ElisabettaQuando lessi il romanzo ricordo che provai un impatto forte per il personaggio di Timoteo e mi colpì proprio la sua cruda descrizione degli altri, il suo modo di togliere ogni velo al pudore, di dissacrare in modo impietoso ogni persona ed ogni gesto. Eppure mi sono chiesta tante volte come ha fatto la Mazzantini ad entrare in un personaggio dalla mente così lucidamente contorta, pensando come pensa un uomo, soffrendo come soffre un uomo. Il romanzo è tutto al maschile, è la descrizione di tre donne fatta attraverso l’occhio, la mente, gli istinti ed i ritmi di un uomo descritto senza omissioni e senza alcuna menzogna, ogni istinto e sentimento viene attraversato dal protagonista nella sua lotta interiore e svelato per ciò che era… paura, vigliaccheria, amore e rabbia e nonostante non sia riuscita ad amarlo non l’ho nemmeno odiato. Nella sua volgarità, nelle frasi e nei gesti qualche volta osceni ho visto tanta parte di umanità, come mi fossi immersa in un mondo dietro un mondo, nell’animo di un uomo che sa di essere ciò che è, che riconosce la sua bassezza e l’incapacità di poterne uscire, come un dannato che emerge con dolore dall’inferno cercando ispiazione e perdono.
ElisabettaDimenticavo che il chiarimento e la spiegazione sul comportamento di Timoteo è stata illuminante e ti ringrazio Antonio. Quando riusciamo a vederci chiaro tutto sembra impovvisamente tanto semplice e facilmente comprensibile. Mi torna in mente un’altra frase in cui egli dice più o meno che da bambino a dispetto della madre sputava nel piatto per provare a se stesso il suo caraggio con la conseguenza poi di sentirsi ancora più solo. La trasgressione, più che mai, è vissuta come prova di coraggio, come strumento per vincere e attaccare la paura. Non ho visto molto in lui l’attacco e l’accusa tipica del 6 controf., perchè egli sembra più concentrato verso il proprio se’ che verso proiezioni esterne, ma in effetti la proiezione ed il sospetto legato all’accusa sono presenti quasi sempre anche se poco evidenti.
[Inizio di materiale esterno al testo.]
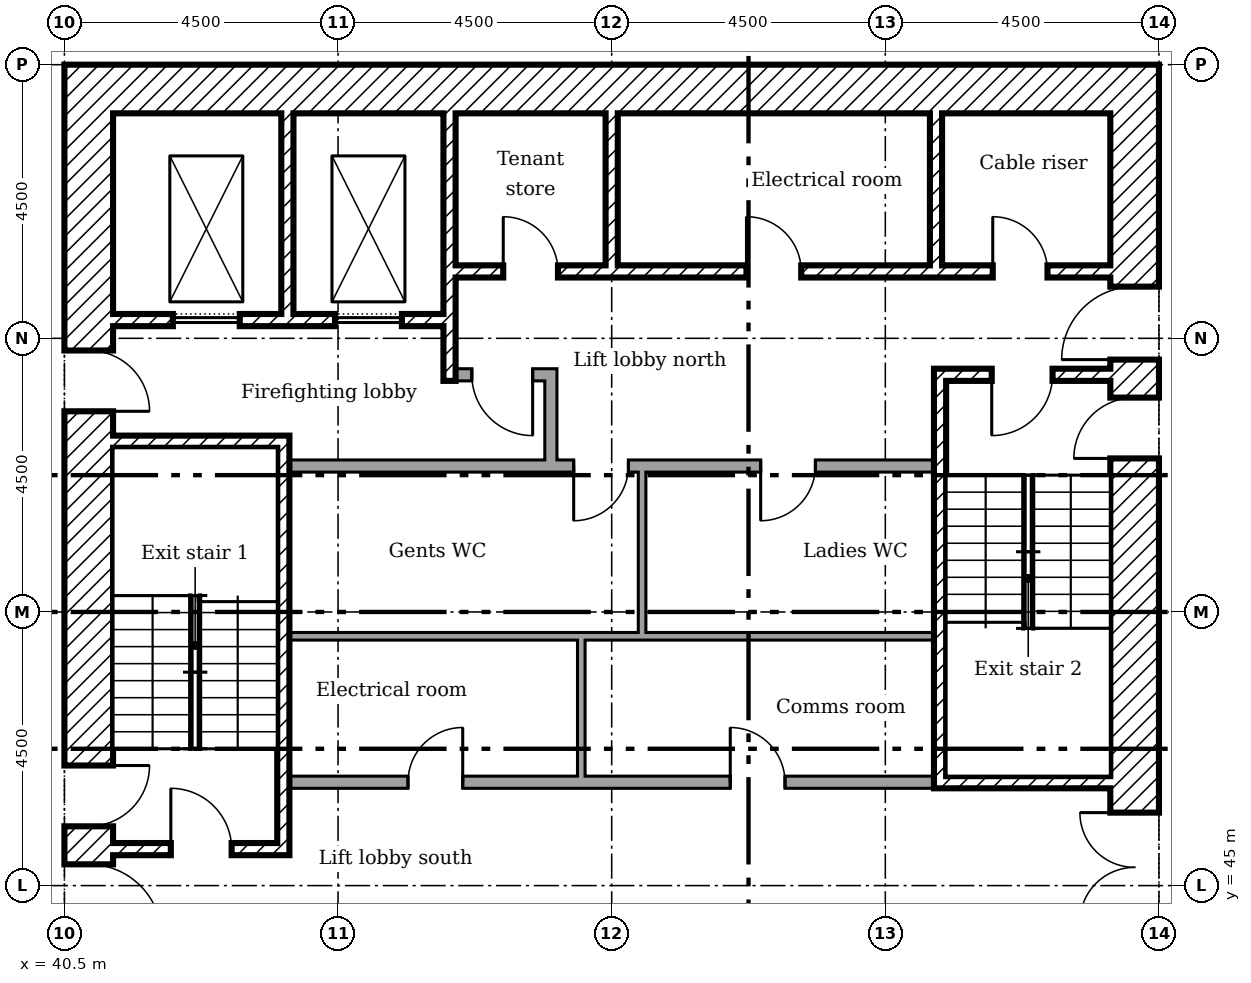
"""IFC4 building model, lengths in metres.
Left out: names, types, materials, properties, quantities, classifications, styles, units other than length and angle.
Written with IfcOpenShell. Run it as: python <this file> out.ifc"""

import sys

from ifc_helpers import new_model, si_unit, direction, frame, frame_2d, origin, place, context, subcontext, project, spatial, rectangle, extrude, element, fill, save


model = new_model("IFC4")
c1 = context("Model", 3, precision=1e-05, world=origin(), true_north=direction((0.0, 1.0)))
c2 = subcontext(c1, "Body", "Model", "MODEL_VIEW")
j1 = project(units=[si_unit("LENGTHUNIT", "METRE"), si_unit("PLANEANGLEUNIT", "RADIAN")], contexts=[c1])
p1 = place(None, origin())
s1 = spatial("IfcSite", under=j1, at=p1, CompositionType="ELEMENT")
p2 = place(p1, origin())
s2 = spatial("IfcBuilding", under=s1, at=p2, CompositionType="ELEMENT")
p3 = place(p2, frame((0.0, 0.0, 79.8)))
s3 = spatial("IfcBuildingStorey", under=s2, at=p3, CompositionType="ELEMENT", Elevation=79.8)
p4 = place(p3, frame((58.1, 40.5, 0.0), z_axis=(0.0, 0.0, 1.0), x_axis=(0.0, 1.0, 0.0)))
e1 = element("IfcWall", 1, at=p4, inside=s3, PredefinedType="SHEAR", context=c2, shape_type="SweptSolid", body=[
    extrude(rectangle(XDim=18.0, YDim=0.8, at=frame_2d((9.0, 0.0))), origin(), (0.0, 0.0, 1.0), 3.35),
])
p5 = place(p4, frame((13.15, 0.0, 0.0)))
e2 = element("IfcOpeningElement", 2, at=p5, cuts=e1, PredefinedType="OPENING", context=c2, shape_type="SweptSolid", body=[
    extrude(rectangle(XDim=1.2, YDim=2.1, at=frame_2d((0.6, 1.05))), frame((0.0, 0.41, 0.0), z_axis=(0.0, -1.0, 0.0), x_axis=(1.0, 0.0, 0.0)), (0.0, 0.0, 1.0), 0.82),
])
p6 = place(p4, frame((3.9, 0.0, 0.0)))
e3 = element("IfcOpeningElement", 3, at=p6, cuts=e1, PredefinedType="OPENING", context=c2, shape_type="SweptSolid", body=[
    extrude(rectangle(XDim=1.8, YDim=2.1, at=frame_2d((0.9, 1.05))), frame((0.0, 0.41, 0.0), z_axis=(0.0, -1.0, 0.0), x_axis=(1.0, 0.0, 0.0)), (0.0, 0.0, 1.0), 0.82),
])
p7 = place(p4, frame((11.525, 0.0, 0.0)))
e4 = element("IfcOpeningElement", 4, at=p7, cuts=e1, PredefinedType="OPENING", context=c2, shape_type="SweptSolid", body=[
    extrude(rectangle(XDim=1.0, YDim=2.1, at=frame_2d((0.5, 1.05))), frame((0.0, 0.41, 0.0), z_axis=(0.0, -1.0, 0.0), x_axis=(1.0, 0.0, 0.0)), (0.0, 0.0, 1.0), 0.82),
])
p8 = place(p3, frame((41.3, 58.1, 0.0)))
e5 = element("IfcWall", 5, at=p8, inside=s3, PredefinedType="SHEAR", context=c2, shape_type="SweptSolid", body=[
    extrude(rectangle(XDim=16.4, YDim=0.8, at=frame_2d((8.2, 0.0))), origin(), (0.0, 0.0, 1.0), 3.35),
])
p9 = place(p3, frame((40.9, 40.5, 0.0), z_axis=(0.0, 0.0, 1.0), x_axis=(0.0, 1.0, 0.0)))
e6 = element("IfcWall", 6, at=p9, inside=s3, PredefinedType="SHEAR", context=c2, shape_type="SweptSolid", body=[
    extrude(rectangle(XDim=18.0, YDim=0.8, at=frame_2d((9.0, 0.0))), origin(), (0.0, 0.0, 1.0), 3.35),
])
p10 = place(p9, frame((3.65, 0.0, 0.0)))
e7 = element("IfcOpeningElement", 7, at=p10, cuts=e6, PredefinedType="OPENING", context=c2, shape_type="SweptSolid", body=[
    extrude(rectangle(XDim=1.2, YDim=2.1, at=frame_2d((0.6, 1.05))), frame((0.0, 0.41, 0.0), z_axis=(0.0, -1.0, 0.0), x_axis=(1.0, 0.0, 0.0)), (0.0, 0.0, 1.0), 0.82),
])
p11 = place(p9, frame((5.475, 0.0, 0.0)))
e8 = element("IfcOpeningElement", 8, at=p11, cuts=e6, PredefinedType="OPENING", context=c2, shape_type="SweptSolid", body=[
    extrude(rectangle(XDim=1.0, YDim=2.1, at=frame_2d((0.5, 1.05))), frame((0.0, 0.41, 0.0), z_axis=(0.0, -1.0, 0.0), x_axis=(1.0, 0.0, 0.0)), (0.0, 0.0, 1.0), 0.82),
])
p12 = place(p9, frame((12.3, 0.0, 0.0)))
e9 = element("IfcOpeningElement", 9, at=p12, cuts=e6, PredefinedType="OPENING", context=c2, shape_type="SweptSolid", body=[
    extrude(rectangle(XDim=1.0, YDim=2.1, at=frame_2d((0.5, 1.05))), frame((0.0, 0.41, 0.0), z_axis=(0.0, -1.0, 0.0), x_axis=(1.0, 0.0, 0.0)), (0.0, 0.0, 1.0), 0.82),
])
p13 = place(p3, frame((44.167, 57.7, 0.0), z_axis=(0.0, 0.0, 1.0), x_axis=(0.0, -1.0, 0.0)))
e10 = element("IfcWall", 10, at=p13, inside=s3, PredefinedType="SHEAR", context=c2, shape_type="SweptSolid", body=[
    extrude(rectangle(XDim=3.3, YDim=0.2, at=frame_2d((1.65, 0.0))), origin(), (0.0, 0.0, 1.0), 3.35),
])
p14 = place(p3, frame((46.833, 57.7, 0.0), z_axis=(0.0, 0.0, 1.0), x_axis=(0.0, -1.0, 0.0)))
e11 = element("IfcWall", 11, at=p14, inside=s3, PredefinedType="SHEAR", context=c2, shape_type="SweptSolid", body=[
    extrude(rectangle(XDim=4.4, YDim=0.2, at=frame_2d((2.2, 0.0))), origin(), (0.0, 0.0, 1.0), 3.35),
])
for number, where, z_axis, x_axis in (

SirenellaGrazie Anto, ripercorrendo il libro effettivamente trovo tutto quanto dici anche se su qualcosa, ovviamente, non concordo. Non e’ che non concordo sulla tua interpretazione, ma sento molto il disagio di quando un personaggio e’ presentato prima su un libro e poi su uno schermo. In effetti io mi sento molto influenzata dal film, perche’ l’ho visto due volte, prima di leggere il libro. Quindi trovo che molte delle caratteristiche Sei di Timoteo, alle quali ti riferisci, sono descritte nel libro, ma non compaiono nel film. Credo sia per questo, che io mi sono fatta un’idea differente di lui. La scena in ospedale e’ talmente e clamorosamente ispirata a “delitto e castigo” che voglio sperare sia una sorta di omaggio alla grande letteratura :-)…ma per l’appunto non c’e’nel film e questa paura che accompagna Timoteo nel libro e’ meno forte nel film…diciamo che passa piu’ il suo ironico impietoso disprezzo per se stesso e per gli altri, che lui vede senza pudori e veli…per il resto sono d’accordo, anche con Elisabetta…e’ incredibile come la Mazzantini sia riuscita a percepire il mondo con uno sguardo cosi’ crudemente maschile. Timoteo e’ crudo e antipatico nel libro, ma nel film passa di lui qualcos’altro, legato evidentemente alla personalita’ di Castellitto che ne ha saputo trasmettere il lato piu’ tremendamente umano, secondo me… 🙂 infine aggiungo che nel film non ricordo se Timoteo e Italia dicono: siamo tutti un po’ criminali in fondo no? Timoteo ha commesso i suoi di crimini, ma c’e’ anche Italia che col suo aborto non ha fatto di meno, senza parlare di Elisa che pur di tenersi il marito si fa mettere incinta, insomma, penso che nessuno ne esca pulito…forse solo la figlia che riprende insonsapevolmente i fili e le colpe di ciascuno di loro, e che salvandosi li libera dal senso piu’scadente dei loro “crimini”, celebrando una vita che era divenuta importante per coloro che le erano attorno…cancellando il peggio insomma, non so se mi spiego, e salvando il senso dell’amore che attraverso lei li aveva tenuti vivi. Non so se mi spiego…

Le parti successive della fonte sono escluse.